Morten Just has created a text editor called Cleartext (for Macs only) that autocorrects your writing so that your text contains only the 1,000 most common words in the English language. Just says that the goal is to make writing easier to be understood.
As someone who writes a lot and tries to write as clearly as possible so as to make myself understood by the reader, I was interested in this software but the question is when one should use it. It clearly has benefits for things like instruction manuals, safety rules, and the like, where it is really important that there be little or no ambiguity and where one may be dealing with people who are not native English speakers.
But I was more interested in the idea of how far one should go in using the most common words. Just quotes Orwell’s influential and well-known essay Politics and the English Language where he recommends “Never use a long word when a short one will do” and “Never use a foreign phrase, a scientific word, or a jargon word if you can think of an everyday English equivalent.” But Orwell’s main targets are those who use language to either deliberately obfuscate their meaning or use it lazily and thoughtlessly, stringing together prefabricated phrases and clichés and stale metaphors, rather than deliberately picking out words in order to make one’s meaning clear.

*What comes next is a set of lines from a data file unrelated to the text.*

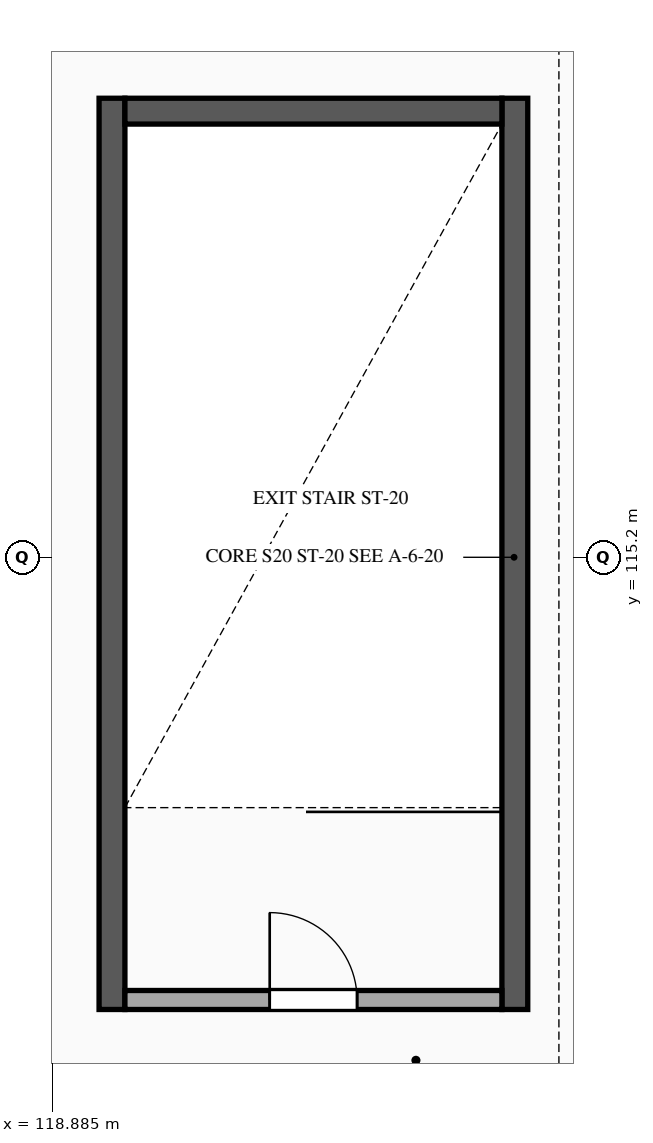
"""IFC4 building model, lengths in metres.
Left out: names, types, materials, properties, quantities, classifications, styles, units other than length and angle.
Written with IfcOpenShell. Run it as: python <this file> out.ifc"""

import sys

from ifc_helpers import new_model, si_unit, direction, frame, frame_2d, origin, place, context, subcontext, project, spatial, rectangle, extrude, element, fill, save


model = new_model("IFC4")
c1 = context("Model", 3, precision=1e-05, world=origin(), true_north=direction((0.0, 1.0)))
c2 = subcontext(c1, "Body", "Model", "MODEL_VIEW")
j1 = project(units=[si_unit("LENGTHUNIT", "METRE"), si_unit("PLANEANGLEUNIT", "RADIAN")], contexts=[c1])
p1 = place(None, origin())
s1 = spatial("IfcSite", under=j1, at=p1, CompositionType="ELEMENT")
p2 = place(p1, origin())
s2 = spatial("IfcBuilding", under=s1, at=p2, CompositionType="ELEMENT")
p3 = place(p2, frame((0.0, 0.0, 15.3)))
s3 = spatial("IfcBuildingStorey", under=s2, at=p3, CompositionType="ELEMENT", Elevation=15.3)
for number, where, z_axis, x_axis in (
    (1, (119.67, 109.25, 0.0), (0.0, 0.0, 1.0), (0.0, 1.0, 0.0)),
    (2, (124.97, 121.24, 0.0), (0.0, 0.0, 1.0), (0.0, -1.0, 0.0)),
):
    element("IfcWall", number, at=place(p3, frame(where, z_axis=z_axis, x_axis=x_axis)), inside=s3, PredefinedType="SHEAR", context=c2, shape_type="SweptSolid", body=[
        extrude(rectangle(XDim=11.99, YDim=0.34, at=frame_2d((5.995, 0.0))), origin(), (0.0, 0.0, 1.0), 4.26),
    ])
p4 = place(p3, frame((119.84, 121.07, 0.0), z_axis=(0.0, 0.0, 1.0), x_axis=(1.0, 0.0, 0.0)))
e3 = element("IfcWall", 3, at=p4, inside=s3, PredefinedType="SHEAR", context=c2, shape_type="SweptSolid", body=[
    extrude(rectangle(XDim=4.96, YDim=0.34, at=frame_2d((2.48, 0.0))), origin(), (0.0, 0.0, 1.0), 4.26),
])
p5 = place(p3, frame((119.84, 109.375, 0.0), z_axis=(0.0, 0.0, 1.0), x_axis=(1.0, 0.0, 0.0)))
e4 = element("IfcWall", 4, at=p5, inside=s3, PredefinedType="STANDARD", context=c2, shape_type="SweptSolid", body=[
    extrude(rectangle(XDim=4.96, YDim=0.25, at=frame_2d((2.48, 0.0))), origin(), (0.0, 0.0, 1.0), 4.25),
])
p6 = place(p5, frame((1.905, 0.0, 0.0)))
e5 = element("IfcOpeningElement", 5, at=p6, cuts=e4, PredefinedType="OPENING", context=c2, shape_type="SweptSolid", body=[
    extrude(rectangle(XDim=1.15, YDim=2.2, at=frame_2d((0.575, 1.1))), frame((0.0, 0.135, 0.0), z_axis=(0.0, -1.0, 0.0), x_axis=(1.0, 0.0, 0.0)), (0.0, 0.0, 1.0), 0.27),
])
p7 = place(p6, origin())
e6 = element("IfcDoor", 6, at=p7, inside=s3, OperationType="SINGLE_SWING_LEFT", PredefinedType="DOOR", context=c2, shape_type="SweptSolid", body=[
    extrude(rectangle(XDim=1.15, YDim=2.2, at=frame_2d((0.575, 1.1))), frame((0.0, 0.025, 0.0), z_axis=(0.0, -1.0, 0.0), x_axis=(1.0, 0.0, 0.0)), (0.0, 0.0, 1.0), 0.05),
])
fill(e5, e6)
save(model, sys.argv[1])

As a teacher, I sometimes encountered students who, when called upon to write papers, resort to a convoluted style with long sentences and big words under the impression that those will impress the reader by conveying profundity. I try to persuade them to not do that and that ideas benefit from being expressed with clarity and precision. But that is different from asking them to always use short and simple words. In attempting to achieve a high level of clarity, one may have to use words that are less common, and to avoid staleness and repetition one may need to use synonyms for common words.
For example, in a post earlier today I wrote ‘ganged agley’. It comes from the Scottish dialect and means ‘went awry’. It is an allusion to the poem To a Mouse by Robert Burns where the full phrase is “The best-laid schemes o’ mice an’ men gang aft agley”. I admit that it is a bit out there but to me it sounded just right and so I put it in, hoping that readers will either know it already or figure out the meaning from the context or look up the allusion, as reader raym did.
I learned to appreciate English largely by reading good writers and they often used words that I had not encountered before. It is due to such exposure that my own vocabulary increased. raym seems to feel that his knowledge was enriched, just like I do when I encounter a new word or phrase. When I write, I do not deliberately use long and esoteric words thinking that they will impress readers. But at the same time I will not reject a word or phrase if I feel it is the right one and that it captures my meaning precisely, conveys a certain image, or otherwise serves some purpose. To water things down seems to me to be to insult the reader.